NLRs can detect PAMPs and DAMPs and subsequently produce inflammatory cytokines regulated by NF-κβ (Abbott et al., 2004). However, certain NLRs belong to a specialized group that can form intracellular protein complexes known as inflammasomes, which contribute to ongoing pyroptosis and cytokines production – these are the NLRP receptors (Pétrilli et al., 2007; Hayrabedyan et al., 2016). For the inflammasome to assemble, the NLRP must interact with caspase 1-derived components, especially IL-1β (Martinon et al., 2002). It is known that the interaction of dopamine with NLRP3 can inhibit pyroptosis, further highlighting the relationship between this cell death mechanism and PD (Yan et al., 2015).

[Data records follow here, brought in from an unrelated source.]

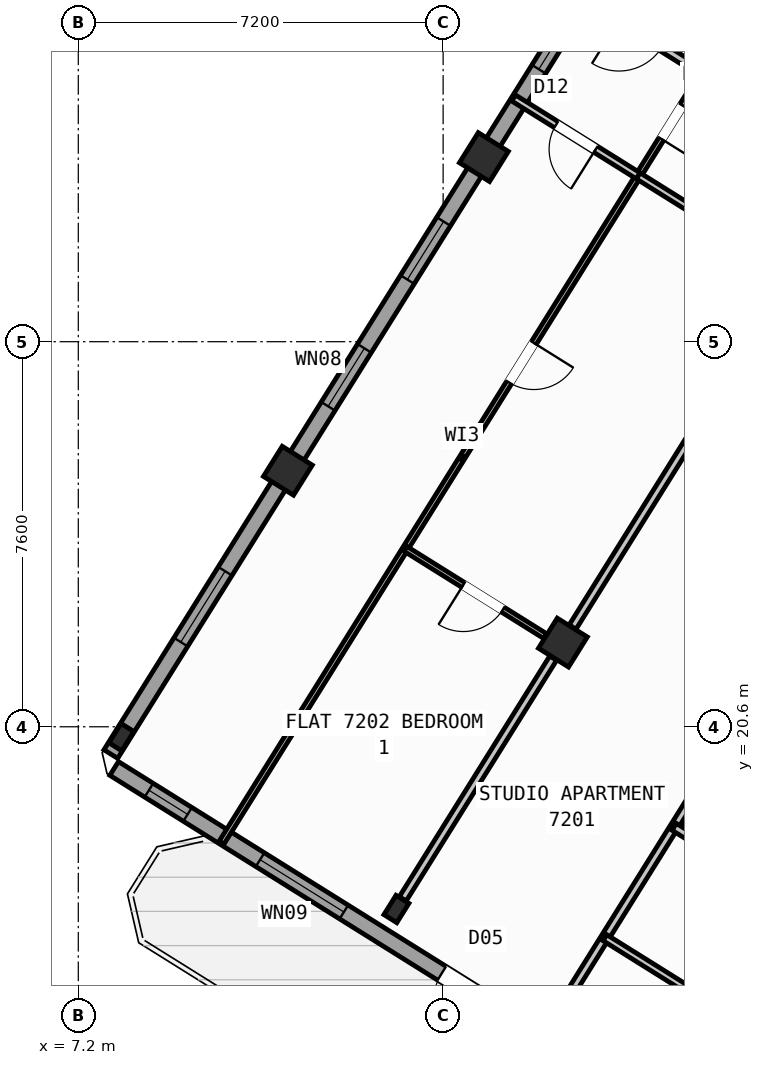
"""IFC4 building model, lengths in metres.
Left out: names, types, materials, properties, quantities, classifications, styles, units other than length and angle.
Written with IfcOpenShell. Run it as: python <this file> out.ifc"""

import sys

from ifc_helpers import new_model, si_unit, direction, frame, frame_2d, origin, origin_2d, place, context, subcontext, project, spatial, rectangle, hollow_rectangle, i_section, extrude, source, transform, mapped, element, fill, save


model = new_model("IFC4")
c1 = context("Model", 3, precision=1e-05, world=origin(), true_north=direction((0.0, 1.0)))
c2 = subcontext(c1, "Body", "Model", "MODEL_VIEW")
j1 = project(units=[si_unit("LENGTHUNIT", "METRE"), si_unit("PLANEANGLEUNIT", "RADIAN")], contexts=[c1])
p1 = place(None, origin())
s1 = spatial("IfcSite", under=j1, at=p1, CompositionType="ELEMENT")
p2 = place(p1, origin())
s2 = spatial("IfcBuilding", under=s1, at=p2, CompositionType="ELEMENT")
p3 = place(p2, frame((0.0, 0.0, 284.4)))
s3 = spatial("IfcBuildingStorey", under=s2, at=p3, CompositionType="ELEMENT", Elevation=284.4)
m1 = source(origin(), c2, "Body", "SweptSolid", [
    extrude(hollow_rectangle(XDim=0.7, YDim=0.7, WallThickness=0.028, at=origin_2d()), origin(), (0.0, 0.0, 1.0), 3.6),
])
p4 = place(p3, frame((16.764, 22.261, 0.0), z_axis=(0.0, 0.0, 1.0), x_axis=(-0.848048096156, 0.529919264233, 0.0)))
e1 = element("IfcColumn", 1, at=p4, inside=s3, PredefinedType="COLUMN", context=c2, shape_type="MappedRepresentation", body=[
    mapped(m1, transform((0.0, 0.0, 0.0), scale=1.0)),
])
m2 = source(origin(), c2, "Body", "SweptSolid", [
    extrude(i_section(OverallWidth=0.3, OverallDepth=0.45, WebThickness=0.014, FlangeThickness=0.026, at=origin_2d()), origin(), (0.0, 0.0, 1.0), 3.6),
])
p5 = place(p3, frame((13.478, 17.003, 0.0), z_axis=(0.0, 0.0, 1.0), x_axis=(-0.848048096156, 0.529919264233, 0.0)))
e2 = element("IfcColumn", 2, at=p5, inside=s3, PredefinedType="COLUMN", context=c2, shape_type="MappedRepresentation", body=[
    mapped(m2, transform((0.0, 0.0, 0.0), scale=1.0)),
])
for number, where, z_axis, x_axis in (
    (3, (15.205, 31.844, 0.0), (0.0, 0.0, 1.0), (-0.848, 0.53, 0.0)),
    (4, (11.336, 25.653, 0.0), (0.0, 0.0, 1.0), (-0.848, 0.53, 0.0)),
):
    element("IfcColumn", number, at=place(p3, frame(where, z_axis=z_axis, x_axis=x_axis)), inside=s3, PredefinedType="COLUMN", context=c2, shape_type="MappedRepresentation", body=[
        mapped(m1, transform((0.0, 0.0, 0.0), scale=1.0)),
    ])
p6 = place(p3, frame((8.051, 20.395, 0.0), z_axis=(0.0, 0.0, 1.0), x_axis=(-0.848048096156, 0.529919264233, 0.0)))
e5 = element("IfcColumn", 5, at=p6, inside=s3, PredefinedType="COLUMN", context=c2, shape_type="MappedRepresentation", body=[
    mapped(m2, transform((0.0, 0.0, 0.0), scale=1.0)),
])
p7 = place(p3, frame((29.268, 6.429, 0.0), z_axis=(0.0, 0.0, 1.0), x_axis=(-0.848048398186, 0.529918780885, 0.0)))
e6 = element("IfcWall", 6, at=p7, inside=s3, PredefinedType="STANDARD", context=c2, shape_type="SweptSolid", body=[
    extrude(rectangle(XDim=25.188, YDim=0.32, at=frame_2d((12.594, 0.0))), origin(), (0.0, 0.0, 1.0), 3.35),
])
p8 = place(p7, frame((16.362, 0.0, 0.0)))
e7 = element("IfcOpeningElement", 7, at=p8, cuts=e6, PredefinedType="OPENING", context=c2, shape_type="SweptSolid", body=[
    extrude(rectangle(XDim=1.2, YDim=2.15, at=frame_2d((0.6, 1.075))), frame((0.0, 0.17, 0.0), z_axis=(0.0, -1.0, 0.0), x_axis=(1.0, 0.0, 0.0)), (0.0, 0.0, 1.0), 0.34),
])
p9 = place(p7, frame((3.859, 0.0, 0.9)))
e8 = element("IfcOpeningElement", 8, at=p9, cuts=e6, PredefinedType="OPENING", context=c2, shape_type="SweptSolid", body=[
    extrude(rectangle(XDim=1.65, YDim=1.45, at=frame_2d((0.825, 0.725))), frame((0.0, 0.17, 0.0), z_axis=(0.0, -1.0, 0.0), x_axis=(1.0, 0.0, 0.0)), (0.0, 0.0, 1.0), 0.34),
])
p10 = place(p7, frame((10.519, 0.0, 0.9)))
e9 = element("IfcOpeningElement", 9, at=p10, cuts=e6, PredefinedType="OPENING", context=c2, shape_type="SweptSolid", body=[
    extrude(rectangle(XDim=1.65, YDim=1.45, at=frame_2d((0.825, 0.725))), frame((0.0, 0.17, 0.0), z_axis=(0.0, -1.0, 0.0), x_axis=(1.0, 0.0, 0.0)), (0.0, 0.0, 1.0), 0.34),
])
p11 = place(p7, frame((19.841, 0.0, 0.95)))
e10 = element("IfcOpeningElement", 10, at=p11, cuts=e6, PredefinedType="OPENING", context=c2, shape_type="SweptSolid", body=[
    extrude(rectangle(XDim=1.95, YDim=1.35, at=frame_2d((0.975, 0.675))), frame((0.0, 0.17, 0.0), z_axis=(0.0, -1.0, 0.0), x_axis=(1.0, 0.0, 0.0)), (0.0, 0.0, 1.0), 0.34),
])
p12 = place(p7, frame((23.478, 0.0, 1.0)))
e11 = element("IfcOpeningElement", 11, at=p12, cuts=e6, PredefinedType="OPENING", context=c2, shape_type="SweptSolid", body=[
    extrude(rectangle(XDim=0.9, YDim=1.25, at=frame_2d((0.45, 0.625))), frame((0.0, 0.17, 0.0), z_axis=(0.0, -1.0, 0.0), x_axis=(1.0, 0.0, 0.0)), (0.0, 0.0, 1.0), 0.34),
])
p13 = place(p3, frame((7.842, 20.061, 0.0), z_axis=(0.0, 0.0, 1.0), x_axis=(0.529915577903, 0.84805039962, 0.0)))
e12 = element("IfcWall", 12, at=p13, inside=s3, PredefinedType="STANDARD", context=c2, shape_type="SweptSolid", body=[
    extrude(rectangle(XDim=21.587, YDim=0.32, at=frame_2d((10.794, 0.0))), origin(), (0.0, 0.0, 1.0), 2.875),
])
p14 = place(p13, frame((2.606, 0.0, 0.9)))
e13 = element("IfcOpeningElement", 13, at=p14, cuts=e12, PredefinedType="OPENING", context=c2, shape_type="SweptSolid", body=[
    extrude(rectangle(XDim=1.65, YDim=1.45, at=frame_2d((0.825, 0.725))), frame((0.0, 0.17, 0.0), z_axis=(0.0, -1.0, 0.0), x_axis=(1.0, 0.0, 0.0)), (0.0, 0.0, 1.0), 0.34),
])
p15 = place(p13, frame((8.094, 0.0, 0.9)))
e14 = element("IfcOpeningElement", 14, at=p15, cuts=e12, PredefinedType="OPENING", context=c2, shape_type="SweptSolid", body=[
    extrude(rectangle(XDim=1.35, YDim=1.45, at=frame_2d((0.675, 0.725))), frame((0.0, 0.17, 0.0), z_axis=(0.0, -1.0, 0.0), x_axis=(1.0, 0.0, 0.0)), (0.0, 0.0, 1.0), 0.34),
])
p16 = place(p13, frame((11.044, 0.0, 0.9)))
e15 = element("IfcOpeningElement", 15, at=p16, cuts=e12, PredefinedType="OPENING", context=c2, shape_type="SweptSolid", body=[
    extrude(rectangle(XDim=1.35, YDim=1.45, at=frame_2d((0.675, 0.725))), frame((0.0, 0.17, 0.0), z_axis=(0.0, -1.0, 0.0), x_axis=(1.0, 0.0, 0.0)), (0.0, 0.0, 1.0), 0.34),
])
p17 = place(p13, frame((15.939, 0.0, 1.0)))
e16 = element("IfcOpeningElement", 16, at=p17, cuts=e12, PredefinedType="OPENING", context=c2, shape_type="SweptSolid", body=[
    extrude(rectangle(XDim=0.9, YDim=1.25, at=frame_2d((0.45, 0.625))), frame((0.0, 0.17, 0.0), z_axis=(0.0, -1.0, 0.0), x_axis=(1.0, 0.0, 0.0)), (0.0, 0.0, 1.0), 0.34),
])
p18 = place(p3, frame((21.206, 17.292, 0.0), z_axis=(0.0, 0.0, 1.0), x_axis=(-0.848050851465, 0.529914854792, 0.0)))
e17 = element("IfcWall", 17, at=p18, inside=s3, PredefinedType="PARTITIONING", context=c2, shape_type="SweptSolid", body=[
    extrude(rectangle(XDim=2.61, YDim=0.16, at=frame_2d((1.305, 0.0))), origin(), (0.0, 0.0, 1.0), 3.34),
])
p19 = place(p3, frame((25.807, 29.582, 0.0), z_axis=(0.0, 0.0, 1.0), x_axis=(-0.529918119251, -0.84804881162, 0.0)))
e18 = element("IfcWall", 18, at=p19, inside=s3, PredefinedType="PARTITIONING", context=c2, shape_type="SweptSolid", body=[
    extrude(rectangle(XDim=17.65, YDim=0.16, at=frame_2d((8.825, 0.0))), origin(), (0.0, 0.0, 1.0), 3.34),
])
p20 = place(p3, frame((26.973, 31.447, 0.0), z_axis=(0.0, 0.0, 1.0), x_axis=(-0.84805406617, 0.529909710094, 0.0)))
e19 = element("IfcWall", 19, at=p20, inside=s3, PredefinedType="PARTITIONING", context=c2, shape_type="SweptSolid", body=[
    extrude(rectangle(XDim=10.33, YDim=0.16, at=frame_2d((5.165, 0.0))), origin(), (0.0, 0.0, 1.0), 3.34),
])
p21 = place(p20, frame((1.459, 0.0, 0.0)))
e20 = element("IfcOpeningElement", 20, at=p21, cuts=e19, PredefinedType="OPENING", context=c2, shape_type="SweptSolid", body=[
    extrude(rectangle(XDim=1.0, YDim=2.1, at=frame_2d((0.5, 1.05))), frame((0.0, 0.09, 0.0), z_axis=(0.0, -1.0, 0.0), x_axis=(1.0, 0.0, 0.0)), (0.0, 0.0, 1.0), 0.18),
])
p22 = place(p20, frame((6.614, 0.0, 0.0)))
e21 = element("IfcOpeningElement", 21, at=p22, cuts=e19, PredefinedType="OPENING", context=c2, shape_type="SweptSolid", body=[
    extrude(rectangle(XDim=1.0, YDim=2.1, at=frame_2d((0.5, 1.05))), frame((0.0, 0.09, 0.0), z_axis=(0.0, -1.0, 0.0), x_axis=(1.0, 0.0, 0.0)), (0.0, 0.0, 1.0), 0.18),
])
p23 = place(p3, frame((25.807, 29.582, 0.0), z_axis=(0.0, 0.0, 1.0), x_axis=(-0.848060702647, 0.529899089097, 0.0)))
e22 = element("IfcWall", 22, at=p23, inside=s3, PredefinedType="PARTITIONING", context=c2, shape_type="SweptSolid", body=[
    extrude(rectangle(XDim=10.33, YDim=0.16, at=frame_2d((5.165, 0.0))), origin(), (0.0, 0.0, 1.0), 3.34),
])
p24 = place(p23, frame((2.22, 0.0, 0.0)))
e23 = element("IfcOpeningElement", 23, at=p24, cuts=e22, PredefinedType="OPENING", context=c2, shape_type="SweptSolid", body=[
    extrude(rectangle(XDim=0.86, YDim=2.05, at=frame_2d((0.43, 1.025))), frame((0.0, 0.09, 0.0), z_axis=(0.0, -1.0, 0.0), x_axis=(1.0, 0.0, 0.0)), (0.0, 0.0, 1.0), 0.18),
])
p25 = place(p23, frame((8.36, 0.0, 0.0)))
e24 = element("IfcOpeningElement", 24, at=p25, cuts=e22, PredefinedType="OPENING", context=c2, shape_type="SweptSolid", body=[
    extrude(rectangle(XDim=1.0, YDim=2.1, at=frame_2d((0.5, 1.05))), frame((0.0, 0.09, 0.0), z_axis=(0.0, -1.0, 0.0), x_axis=(1.0, 0.0, 0.0)), (0.0, 0.0, 1.0), 0.18),
])
p26 = place(p3, frame((20.44, 28.145, 0.0), z_axis=(0.0, 0.0, 1.0), x_axis=(-0.529938869374, -0.84803584519, 0.0)))
e25 = element("IfcWall", 25, at=p26, inside=s3, PredefinedType="PARTITIONING", context=c2, shape_type="SweptSolid", body=[
    extrude(rectangle(XDim=6.576, YDim=0.16, at=frame_2d((3.288, 0.0))), origin(), (0.0, 0.0, 1.0), 2.875),
])
p27 = place(p3, frame((16.572, 21.954, 0.0), z_axis=(0.0, 0.0, 1.0), x_axis=(-0.529904903214, -0.848057069748, 0.0)))
e26 = element("IfcWall", 26, at=p27, inside=s3, PredefinedType="PARTITIONING", context=c2, shape_type="SweptSolid", body=[
    extrude(rectangle(XDim=5.601, YDim=0.16, at=frame_2d((2.801, 0.0))), origin(), (0.0, 0.0, 1.0), 2.875),
])
p28 = place(p3, frame((19.523, 33.508, 0.0), z_axis=(0.0, 0.0, 1.0), x_axis=(-0.529910765222, -0.848053406869, 0.0)))
e27 = element("IfcWall", 27, at=p28, inside=s3, PredefinedType="PARTITIONING", context=c2, shape_type="SweptSolid", body=[
    extrude(rectangle(XDim=17.92, YDim=0.11, at=frame_2d((8.96, 0.0))), origin(), (0.0, 0.0, 1.0), 3.34),
])
p29 = place(p28, frame((0.76, 0.0, 0.0)))
e28 = element("IfcOpeningElement", 28, at=p29, cuts=e27, PredefinedType="OPENING", context=c2, shape_type="SweptSolid", body=[
    extrude(rectangle(XDim=0.78, YDim=2.05, at=frame_2d((0.39, 1.025))), frame((0.0, 0.065, 0.0), z_axis=(0.0, -1.0, 0.0), x_axis=(1.0, 0.0, 0.0)), (0.0, 0.0, 1.0), 0.13),
])
p30 = place(p28, frame((6.289, 0.0, 0.0)))
e29 = element("IfcOpeningElement", 29, at=p30, cuts=e27, PredefinedType="OPENING", context=c2, shape_type="SweptSolid", body=[
    extrude(rectangle(XDim=0.92, YDim=2.08, at=frame_2d((0.46, 1.04))), frame((0.0, 0.065, 0.0), z_axis=(0.0, -1.0, 0.0), x_axis=(1.0, 0.0, 0.0)), (0.0, 0.0, 1.0), 0.13),
])
p31 = place(p3, frame((18.251, 31.473, 0.0), z_axis=(0.0, 0.0, 1.0), x_axis=(-0.848059786386, 0.529900555496, 0.0)))
e30 = element("IfcWall", 30, at=p31, inside=s3, PredefinedType="PLUMBINGWALL", context=c2, shape_type="SweptSolid", body=[
    extrude(rectangle(XDim=2.9, YDim=0.14, at=frame_2d((1.45, 0.0))), origin(), (0.0, 0.0, 1.0), 3.34),
])
p32 = place(p31, frame((0.99, 0.0, 0.0)))
e31 = element("IfcOpeningElement", 31, at=p32, cuts=e30, PredefinedType="OPENING", context=c2, shape_type="SweptSolid", body=[
    extrude(rectangle(XDim=0.92, YDim=2.08, at=frame_2d((0.46, 1.04))), frame((0.0, 0.08, 0.0), z_axis=(0.0, -1.0, 0.0), x_axis=(1.0, 0.0, 0.0)), (0.0, 0.0, 1.0), 0.16),
])
p33 = place(p3, frame((21.321, 29.554, 0.0), z_axis=(0.0, 0.0, 1.0), x_axis=(-0.848021036626, 0.529962566074, 0.0)))
e32 = element("IfcWall", 32, at=p33, inside=s3, PredefinedType="PLUMBINGWALL", context=c2, shape_type="SweptSolid", body=[
    extrude(rectangle(XDim=3.62, YDim=0.14, at=frame_2d((1.81, 0.0))), origin(), (0.0, 0.0, 1.0), 3.34),
])
p34 = place(p3, frame((16.416, 22.388, 0.0), z_axis=(0.0, 0.0, 1.0), x_axis=(-0.84806986598, 0.529884423641, 0.0)))
e33 = element("IfcWall", 33, at=p34, inside=s3, PredefinedType="PARTITIONING", context=c2, shape_type="SweptSolid", body=[
    extrude(rectangle(XDim=3.258, YDim=0.11, at=frame_2d((1.629, 0.0))), origin(), (0.0, 0.0, 1.0), 2.875),
])
p35 = place(p34, frame((0.988, 0.0, 0.0)))
e34 = element("IfcOpeningElement", 34, at=p35, cuts=e33, PredefinedType="OPENING", context=c2, shape_type="SweptSolid", body=[
    extrude(rectangle(XDim=0.92, YDim=2.08, at=frame_2d((0.46, 1.04))), frame((0.0, 0.065, 0.0), z_axis=(0.0, -1.0, 0.0), x_axis=(1.0, 0.0, 0.0)), (0.0, 0.0, 1.0), 0.13),
])
p36 = place(p3, frame((32.164, 10.374, 0.0), z_axis=(0.0, 0.0, 1.0), x_axis=(-0.848044107957, 0.529925646633, 0.0)))
e35 = element("IfcWall", 35, at=p36, inside=s3, PredefinedType="PARTITIONING", context=c2, shape_type="SweptSolid", body=[
    extrude(rectangle(XDim=15.57, YDim=0.16, at=frame_2d((7.785, 0.0))), origin(), (0.0, 0.0, 1.0), 3.34),
])
p37 = place(p36, frame((10.83, 0.0, 0.0)))
e36 = element("IfcOpeningElement", 36, at=p37, cuts=e35, PredefinedType="OPENING", context=c2, shape_type="SweptSolid", body=[
    extrude(rectangle(XDim=1.0, YDim=2.1, at=frame_2d((0.5, 1.05))), frame((0.0, 0.09, 0.0), z_axis=(0.0, -1.0, 0.0), x_axis=(1.0, 0.0, 0.0)), (0.0, 0.0, 1.0), 0.18),
])
p38 = place(p3, frame((29.72, 8.859, 0.0), z_axis=(0.0, 0.0, 1.0), x_axis=(-0.848049134363, 0.529917602752, 0.0)))
e37 = element("IfcWall", 37, at=p38, inside=s3, PredefinedType="PLUMBINGWALL", context=c2, shape_type="SweptSolid", body=[
    extrude(rectangle(XDim=14.3, YDim=0.14, at=frame_2d((7.15, 0.0))), origin(), (0.0, 0.0, 1.0), 3.34),
])
p39 = place(p38, frame((9.57, 0.0, 0.0)))
e38 = element("IfcOpeningElement", 38, at=p39, cuts=e37, PredefinedType="OPENING", context=c2, shape_type="SweptSolid", body=[
    extrude(rectangle(XDim=0.92, YDim=2.08, at=frame_2d((0.46, 1.04))), frame((0.0, 0.08, 0.0), z_axis=(0.0, -1.0, 0.0), x_axis=(1.0, 0.0, 0.0)), (0.0, 0.0, 1.0), 0.16),
])
m3 = source(origin(), c2, "Body", "SweptSolid", [
    extrude(rectangle(XDim=1.2, YDim=2.15, at=frame_2d((0.6, 1.075))), frame((0.0, 0.025, 0.0), z_axis=(0.0, -1.0, 0.0), x_axis=(1.0, 0.0, 0.0)), (0.0, 0.0, 1.0), 0.05),
])
p40 = place(p8, origin())
e39 = element("IfcDoor", 39, at=p40, inside=s3, OperationType="SINGLE_SWING_LEFT", PredefinedType="DOOR", context=c2, shape_type="MappedRepresentation", body=[
    mapped(m3, transform((0.0, 0.0, 0.0), scale=1.0)),
])
fill(e7, e39)
m4 = source(origin(), c2, "Body", "SweptSolid", [
    extrude(rectangle(XDim=1.95, YDim=1.35, at=frame_2d((0.975, 0.675))), frame((0.0, 0.03, 0.0), z_axis=(0.0, -1.0, 0.0), x_axis=(1.0, 0.0, 0.0)), (0.0, 0.0, 1.0), 0.06),
])
p41 = place(p11, origin())
e40 = element("IfcWindow", 40, at=p41, inside=s3, PartitioningType="SINGLE_PANEL", PredefinedType="WINDOW", context=c2, shape_type="MappedRepresentation", body=[
    mapped(m4, transform((0.0, 0.0, 0.0), scale=1.0)),
])
fill(e10, e40)
m5 = source(origin(), c2, "Body", "SweptSolid", [
    extrude(rectangle(XDim=0.9, YDim=1.25, at=frame_2d((0.45, 0.625))), frame((0.0, 0.03, 0.0), z_axis=(0.0, -1.0, 0.0), x_axis=(1.0, 0.0, 0.0)), (0.0, 0.0, 1.0), 0.06),
])
p42 = place(p12, origin())
e41 = element("IfcWindow", 41, at=p42, inside=s3, PartitioningType="SINGLE_PANEL", PredefinedType="WINDOW", context=c2, shape_type="MappedRepresentation", body=[
    mapped(m5, transform((0.0, 0.0, 0.0), scale=1.0)),
])
fill(e11, e41)
m6 = source(origin(), c2, "Body", "SweptSolid", [
    extrude(rectangle(XDim=1.65, YDim=1.45, at=frame_2d((0.825, 0.725))), frame((0.0, 0.03, 0.0), z_axis=(0.0, -1.0, 0.0), x_axis=(1.0, 0.0, 0.0)), (0.0, 0.0, 1.0), 0.06),
])
p43 = place(p14, origin())
e42 = element("IfcWindow", 42, at=p43, inside=s3, PartitioningType="SINGLE_PANEL", PredefinedType="WINDOW", context=c2, shape_type="MappedRepresentation", body=[
    mapped(m6, transform((0.0, 0.0, 0.0), scale=1.0)),
])
fill(e13, e42)
m7 = source(origin(), c2, "Body", "SweptSolid", [
    extrude(rectangle(XDim=1.35, YDim=1.45, at=frame_2d((0.675, 0.725))), frame((0.0, 0.03, 0.0), z_axis=(0.0, -1.0, 0.0), x_axis=(1.0, 0.0, 0.0)), (0.0, 0.0, 1.0), 0.06),
])
p44 = place(p15, origin())
e43 = element("IfcWindow", 43, at=p44, inside=s3, PartitioningType="SINGLE_PANEL", PredefinedType="WINDOW", context=c2, shape_type="MappedRepresentation", body=[
    mapped(m7, transform((0.0, 0.0, 0.0), scale=1.0)),
])
fill(e14, e43)
p45 = place(p16, origin())
e44 = element("IfcWindow", 44, at=p45, inside=s3, PartitioningType="SINGLE_PANEL", PredefinedType="WINDOW", context=c2, shape_type="MappedRepresentation", body=[
    mapped(m7, transform((0.0, 0.0, 0.0), scale=1.0)),
])
fill(e15, e44)
p46 = place(p17, origin())
e45 = element("IfcWindow", 45, at=p46, inside=s3, PartitioningType="SINGLE_PANEL", PredefinedType="WINDOW", context=c2, shape_type="MappedRepresentation", body=[
    mapped(m5, transform((0.0, 0.0, 0.0), scale=1.0)),
])
fill(e16, e45)
m8 = source(origin(), c2, "Body", "SweptSolid", [
    extrude(rectangle(XDim=0.92, YDim=2.08, at=frame_2d((0.46, 1.04))), frame((0.0, 0.025, 0.0), z_axis=(0.0, -1.0, 0.0), x_axis=(1.0, 0.0, 0.0)), (0.0, 0.0, 1.0), 0.05),
])
p47 = place(p32, origin())
e46 = element("IfcDoor", 46, at=p47, inside=s3, OperationType="SINGLE_SWING_LEFT", PredefinedType="DOOR", context=c2, shape_type="MappedRepresentation", body=[
    mapped(m8, transform((0.0, 0.0, 0.0), scale=1.0)),
])
fill(e31, e46)
m9 = source(origin(), c2, "Body", "SweptSolid", [
    extrude(rectangle(XDim=0.78, YDim=2.05, at=frame_2d((0.39, 1.025))), frame((0.0, 0.025, 0.0), z_axis=(0.0, -1.0, 0.0), x_axis=(1.0, 0.0, 0.0)), (0.0, 0.0, 1.0), 0.05),
])
p48 = place(p29, origin())
e47 = element("IfcDoor", 47, at=p48, inside=s3, OperationType="SINGLE_SWING_RIGHT", PredefinedType="DOOR", context=c2, shape_type="MappedRepresentation", body=[
    mapped(m9, transform((0.0, 0.0, 0.0), scale=1.0)),
])
fill(e28, e47)
p49 = place(p30, origin())
e48 = element("IfcDoor", 48, at=p49, inside=s3, OperationType="SINGLE_SWING_LEFT", PredefinedType="DOOR", context=c2, shape_type="MappedRepresentation", body=[
    mapped(m8, transform((0.0, 0.0, 0.0), scale=1.0)),
])
fill(e29, e48)
p50 = place(p35, origin())
e49 = element("IfcDoor", 49, at=p50, inside=s3, OperationType="SINGLE_SWING_RIGHT", PredefinedType="DOOR", context=c2, shape_type="MappedRepresentation", body=[
    mapped(m8, transform((0.0, 0.0, 0.0), scale=1.0)),
])
fill(e34, e49)
save(model, sys.argv[1])

These receptors possess intracellular domains responsible for interacting with other proteins and protein complexes, such as CARDs bound to caspase 1, or using their pyrin domain to recruit CARDs – an essential stage for cytokines production and the binding of the adapter protein ASC (Boucher et al., 2018; Yang et al., 2019). In PD pathology, ASC specks are considered hallmarks of pyroptosis, as their expression has been observed in peripheral blood mononuclear cells, and this exacerbation is sufficient to enhance NLRP3 inflammasome formation (Fan et al., 2020; Zheng et al., 2023). The aggregation of multiple ASC specks forms the inflammasome, which role, through the action of bound caspase 1, is to promote cytokine processing. Moreover, by processing of gasdermin D (GDSM) into its active form, the inflammasome facilitates the inclusion of pores in the cell membrane, leading to cell lysis (Ding et al., 2016; Liu et al., 2016; Faria et al., 2021; Figure 3).
Conversely, drugs capable of inducing NLRP3 can establish PD-like models in animals (Wang Y. et al., 2022). Finally, other activation mechanisms contribute to the activation of the NLRP3 inflammasome, further aiding in the development of PD models in animals (Huang et al., 2024; Quan et al., 2024).
3.4 Autophagy
Autophagy, unlike the other pathways discussed here, is typically associated with cellular processes that promote cell survival. It plays a crucial role in energy conservation by recycling proteins and other cellular components to meet the energetic demand of cells (Yamamoto et al., 2023). Originally described by Christian de Duve in 1963 as a process involving lysosomes and their enzymes to degrade cellular components, autophagy is now understood to be as far more complex event that is intricately regulated by genetics, pathology, and other factors (Levine and Kroemer, 2008; Klionsky, 2008). There are three types of autophagy, each differing in morphology and mechanism, but leading to the degradation of cellular components within lysosome (Parzych and Klionsky, 2014).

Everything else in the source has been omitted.